19 jun, 2017
“Bastaram alguns segundos e tudo ficou reduzido a cinzas. Num momento as chamas estavam a quilómetros, noutro já estavam em cima de nós." A imagem é de um sucateiro da localidade de Adega, no concelho de Pedrógão Grande e é-nos trazida pela jornalista do "Público" Sandra Rodrigues, na edição digital do jornal. Como "as ondas do mar que tudo levam à frente” – ajuntava. Eram as imagens do inferno, que nos pintavam antigamente na catequese, tornadas realidade, dizia alguém num canal de rádio.
Estes depoimentos e as largas dezenas de corpos carbonizados, a pontuar as estradas e caminhos por onde as labaredas galoparam, surgem de um cenário ainda a arder, com muita gente desalojada, refugiada e destroçada, muitas famílias inquietas, centenas de profissionais a procurar combater o caos e acolher os que fugiram. Um país em comoção, muita gente que de longe de Portugal se interessa, envia mensagens, manifesta solidariedade.
No meio deste inferno, quando é prioritário acudir, acolher, “consolar os tristes” e “enterrar os mortos”, eis que se soltam os ‘opinadores’ e até mesmo os especialistas, que falam do que não sabem, mesmo antes de se perceber melhor o que se passou e a resposta que foi dada. Que ajuízam de forma simplista situações altamente complexas. Que buscam desesperadamente culpados, antes do conhecimento dos factos. Múltiplos sinais de querer cavalgar o momento, mesmo que à custa de instrumentalização de cadáveres.
Percebe-se o desabafo e a revolta de quem se viu cercado pelas chamas. Não se pode aceitar quem, de longe, atira gasolina para a fogueira, desrespeitando o luto e o choque do seu semelhante e alheio à entrega, até à exaustão, de quem luta no terreno. Tal ruído e falta de contenção não ajudam nada e só contribuem para inquinar a necessária reflexão e tomada de decisões, uma vez feito o apuramento dos factos.
Os dias de luto nacional deveriam servir para resolver o que é mais urgente, acompanhar quem precisa, enterrar os mortos, conhecer e avaliar o que se passou.

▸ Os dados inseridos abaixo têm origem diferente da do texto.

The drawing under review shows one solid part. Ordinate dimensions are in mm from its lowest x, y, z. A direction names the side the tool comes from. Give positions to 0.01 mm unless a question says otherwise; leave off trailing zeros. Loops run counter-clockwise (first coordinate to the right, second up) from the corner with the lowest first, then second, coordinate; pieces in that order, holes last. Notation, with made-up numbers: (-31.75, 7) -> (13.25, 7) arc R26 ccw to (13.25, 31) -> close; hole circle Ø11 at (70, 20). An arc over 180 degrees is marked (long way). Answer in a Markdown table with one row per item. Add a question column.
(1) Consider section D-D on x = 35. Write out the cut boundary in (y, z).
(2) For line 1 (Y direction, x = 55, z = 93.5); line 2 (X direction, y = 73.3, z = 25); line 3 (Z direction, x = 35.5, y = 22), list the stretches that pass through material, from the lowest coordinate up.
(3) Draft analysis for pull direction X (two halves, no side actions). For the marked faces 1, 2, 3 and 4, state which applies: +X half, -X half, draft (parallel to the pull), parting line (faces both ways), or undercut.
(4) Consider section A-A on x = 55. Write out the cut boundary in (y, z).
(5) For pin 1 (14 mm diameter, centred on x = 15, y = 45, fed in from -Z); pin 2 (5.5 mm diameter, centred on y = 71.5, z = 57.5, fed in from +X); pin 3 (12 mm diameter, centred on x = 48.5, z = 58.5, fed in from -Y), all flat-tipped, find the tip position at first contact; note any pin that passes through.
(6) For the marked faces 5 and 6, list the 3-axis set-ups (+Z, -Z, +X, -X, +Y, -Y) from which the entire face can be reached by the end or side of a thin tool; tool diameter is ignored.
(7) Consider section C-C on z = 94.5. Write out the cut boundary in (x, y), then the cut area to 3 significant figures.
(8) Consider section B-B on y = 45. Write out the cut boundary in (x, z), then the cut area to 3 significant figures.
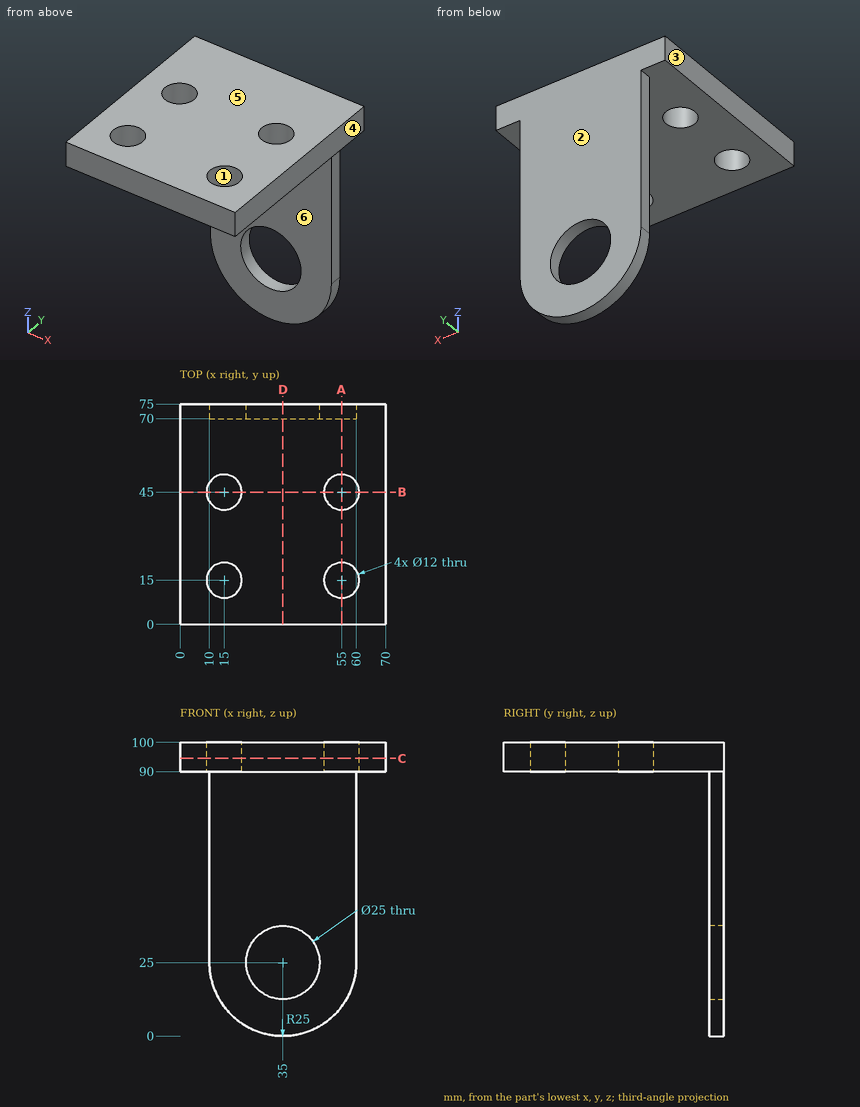
Values follow:
| question | item | result |
|---|---|---|
| 1 | outline | (0, 90) -> (70, 90) -> (70, 37.5) -> (75, 37.5) -> (75, 100) -> (0, 100) -> close; (70, 0) -> (75, 0) -> (75, 12.5) -> (70, 12.5) -> close |
| 2 | line 1 | 0 to 9, 21 to 39, 51 to 75 |
| 2 | line 2 | 10 to 22.5, 47.5 to 60 |
| 2 | line 3 | 90 to 100 |
| 3 | face 1 | undercut |
| 3 | face 2 | draft |
| 3 | face 3 | -X half |
| 3 | face 4 | +X half |
| 4 | outline | (0, 90) -> (9, 90) -> (9, 100) -> (0, 100) -> close; (21, 90) -> (39, 90) -> (39, 100) -> (21, 100) -> close; (51, 90) -> (70, 90) -> (70, 10) -> (75, 10) -> (75, 100) -> (51, 100) -> close |
| 5 | pin 1 | z = 90 |
| 5 | pin 2 | x = 60 |
| 5 | pin 3 | y = 70 |
| 6 | face 5 | +Z, +X, -X, +Y, -Y |
| 6 | face 6 | -Z, +X, -X, -Y |
| 7 | outline | (0, 0) -> (70, 0) -> (70, 75) -> (0, 75) -> close; hole circle Ø12 at (15, 15); hole circle Ø12 at (15, 45); hole circle Ø12 at (55, 15); hole circle Ø12 at (55, 45) |
| 7 | area | 4,800 mm2 |
| 8 | outline | (0, 90) -> (9, 90) -> (9, 100) -> (0, 100) -> close; (21, 90) -> (49, 90) -> (49, 100) -> (21, 100) -> close; (61, 90) -> (70, 90) -> (70, 100) -> (61, 100) -> close |
| 8 | area | 460 mm2 |

Como já vimos, no meio da tragédia, há também histórias admiráveis de coragem e de interajuda que os que sobreviveram têm para contar. Há um grande respeito a ter por quem prefere o silêncio. Importa não esquecer as crianças e as suas perguntas, nas zonas mais afastadas e na casa de cada um. Feita a experiência de que há mesmo inferno, há-de chegar a hora de tomar decisões realistas e exequíveis. A floresta deixou de ser apenas um problema de quem a tem. É um grave problema de todos nós.